Mr. Walker’s editorial fails to mention that in May 2002, he told Congress that the Postal Service had incurred $32 billion in pension liabilities — a figure that turned out to be wildly wrong. As the Office of Personnel Management would soon determine, the pension was actually on course to be overfunded by $71 billion (later revised to $78 billion).
In his editorial, Mr. Walker has this to say about last year’s losses: “In fiscal 2012, the USPS experienced an operating deficit of almost $16 billion on revenue of about $65 billion. Granted, this deficit was exacerbated by the fact that the USPS was supposed to make two larger-than-usual retiree health benefits payments last year. But it didn’t pay either. Even if you subtract these additional scheduled payments, the Postal Service would have still run a deficit of more than $10 billion.”
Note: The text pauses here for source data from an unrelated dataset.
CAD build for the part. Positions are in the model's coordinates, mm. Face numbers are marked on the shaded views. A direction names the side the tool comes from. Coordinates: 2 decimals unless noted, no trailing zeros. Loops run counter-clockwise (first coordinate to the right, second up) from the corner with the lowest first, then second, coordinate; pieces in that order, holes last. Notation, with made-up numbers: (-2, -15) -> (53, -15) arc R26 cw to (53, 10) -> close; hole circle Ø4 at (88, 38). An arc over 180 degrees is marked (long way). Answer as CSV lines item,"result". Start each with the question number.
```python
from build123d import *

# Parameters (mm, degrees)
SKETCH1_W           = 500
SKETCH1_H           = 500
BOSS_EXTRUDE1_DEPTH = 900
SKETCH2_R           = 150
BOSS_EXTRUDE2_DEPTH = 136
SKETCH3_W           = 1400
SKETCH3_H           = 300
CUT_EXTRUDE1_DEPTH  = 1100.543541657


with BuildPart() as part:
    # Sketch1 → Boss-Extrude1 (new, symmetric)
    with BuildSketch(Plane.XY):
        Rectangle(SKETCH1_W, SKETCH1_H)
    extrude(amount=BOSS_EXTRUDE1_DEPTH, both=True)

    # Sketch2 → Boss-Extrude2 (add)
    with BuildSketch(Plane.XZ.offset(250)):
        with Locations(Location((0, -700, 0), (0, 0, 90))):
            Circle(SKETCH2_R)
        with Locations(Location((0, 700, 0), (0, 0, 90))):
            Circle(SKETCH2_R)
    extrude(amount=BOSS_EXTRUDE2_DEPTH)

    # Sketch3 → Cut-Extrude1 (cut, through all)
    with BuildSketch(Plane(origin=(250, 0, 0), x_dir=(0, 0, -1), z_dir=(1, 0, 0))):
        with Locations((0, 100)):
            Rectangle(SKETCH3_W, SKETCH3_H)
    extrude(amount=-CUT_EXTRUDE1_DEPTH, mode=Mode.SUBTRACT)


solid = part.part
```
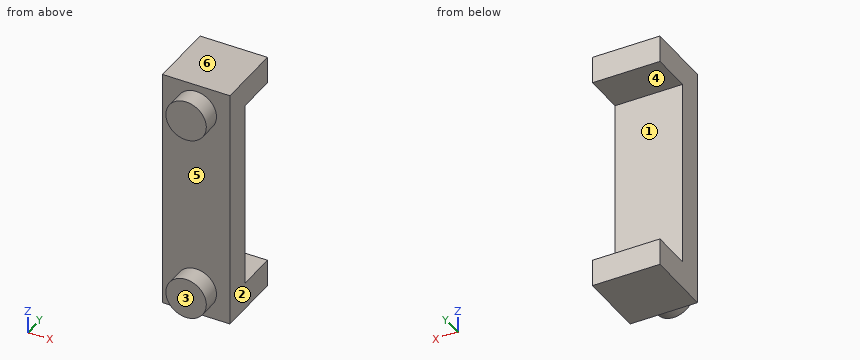
Q1. Saw through at B-B (x = 0). List the corners of the cut face in (y, z).
Q2. Saw through at C-C (z = -736.5). List the corners of the cut face in (x, y), and give its area (3 significant figures).
Q3. Two-plate mould, pull along Z, no slides. Class the marked faces 3, 4, 5 and 6: pulls with the +Z half, pulls with the -Z half, needs draft (parallel to the pull), parting line crosses it, or undercut.
Q4. Which spindle directions (+Z, -Z, +X, -X, +Y, -Y) get a long thin tool onto all of the face, cutting with end or side? Do the marked faces 1 and 2. Say none if no direction does.
Q5. Saw through at D-D (y = -278). List the corners of the cut face in (x, z).
Q6. Saw through at A-A (y = 36). List the corners of the cut face in (x, z), and give its area (3 significant figures).
Q7. Probe probe 1 along Z at (x, y) = (194.5, 217.5); probe 2 along Y at (x, z) = (-147, 616); probe 3 along Y at (x, z) = (138.5, 685). List the from-to ranges inside material, lowest first. Write a range as from..to.
Q8. Pin check, flat tips, straight feed: pin 1 Ø4 at (x, z) = (113, 318) entering from -Y; pin 2 Ø1 at (x, z) = (147.5, -27.5) entering from +Y. Stop position of each tip, or through.
Ans:
1,outline,"(-386, -850) -> (-250, -850) -> (-250, -900) -> (250, -900) -> (250, -700) -> (-50, -700) -> (-50, 700) -> (250, 700) -> (250, 900) -> (-250, 900) -> (-250, 850) -> (-386, 850) -> (-386, 550) -> (-250, 550) -> (-250, -550) -> (-386, -550) -> close"
2,outline,"(-250, -250) -> (-145.49, -250) -> (-145.49, -386) -> (145.49, -386) -> (145.49, -250) -> (250, -250) -> (250, 250) -> (-250, 250) -> close"
2,area,"290,000 mm²"
3,face 3,"needs draft"
3,face 4,"undercut"
3,face 5,"undercut"
3,face 6,"pulls with the +Z half"
4,face 1,"+X, -X, +Y"
4,face 2,"+Z, -Z, +X, +Y, -Y"
5,outline,"circle Ø300 at (0, -700); circle Ø300 at (0, 700)"
6,outline,"(-250, -900) -> (250, -900) -> (250, -700) -> (-250, -700) -> close; (-250, 700) -> (250, 700) -> (250, 900) -> (-250, 900) -> close"
6,area,"200,000 mm²"
7,probe 1,"z = -900..-700, 700..900"
7,probe 2,"y = -250..-50"
7,probe 3,"y = -386..-50"
8,pin 1,"stops at y = -250"
8,pin 2,"stops at y = -50"

Mr. Walker is apparently unaware that those two payments add up to $11.1 billion, so if you subtract them, the Postal Service would have run a deficit of less than $5 billion (even less if you subtract the workers’ comp payment).
The error may seem minor (just $5 billion off), but it’s rather disturbing when you consider what Mr. Walker is up to these days. As he notes in his editorial, Mr. Walker has been asked to serve as chairman of a special panel on the Postal Service for the National Academy for Public Administration (NAPA). His main charge is to review a proposal that would privatize over half the Postal Service and turn it into a “hybrid Public-Private Partnership.” Post offices would be replaced by postal counters in private businesses, and private corporations would take over the processing work, leaving only the delivery component to the government.
It’s a disastrous proposal, and it shouldn’t be taken seriously, but it will be. There are some very influential people behind it. Mr. Walker is the chief executive officer of the Peter G. Peterson Foundation, which uses its $1 billion endowment “to cast Social Security, Medicare, Medicaid and government spending as in a state of crisis, in desperate need of dramatic cuts” (HuffPost). Plus, the director of NAPA is Dan Blair, former deputy director of the Office of Personnel Management and former chairman of the Postal Regulatory Commission.
Given how much credence people are likely to put in the results of his study on privatizing the Postal Service, it would help if the former Comptroller General could get his numbers right.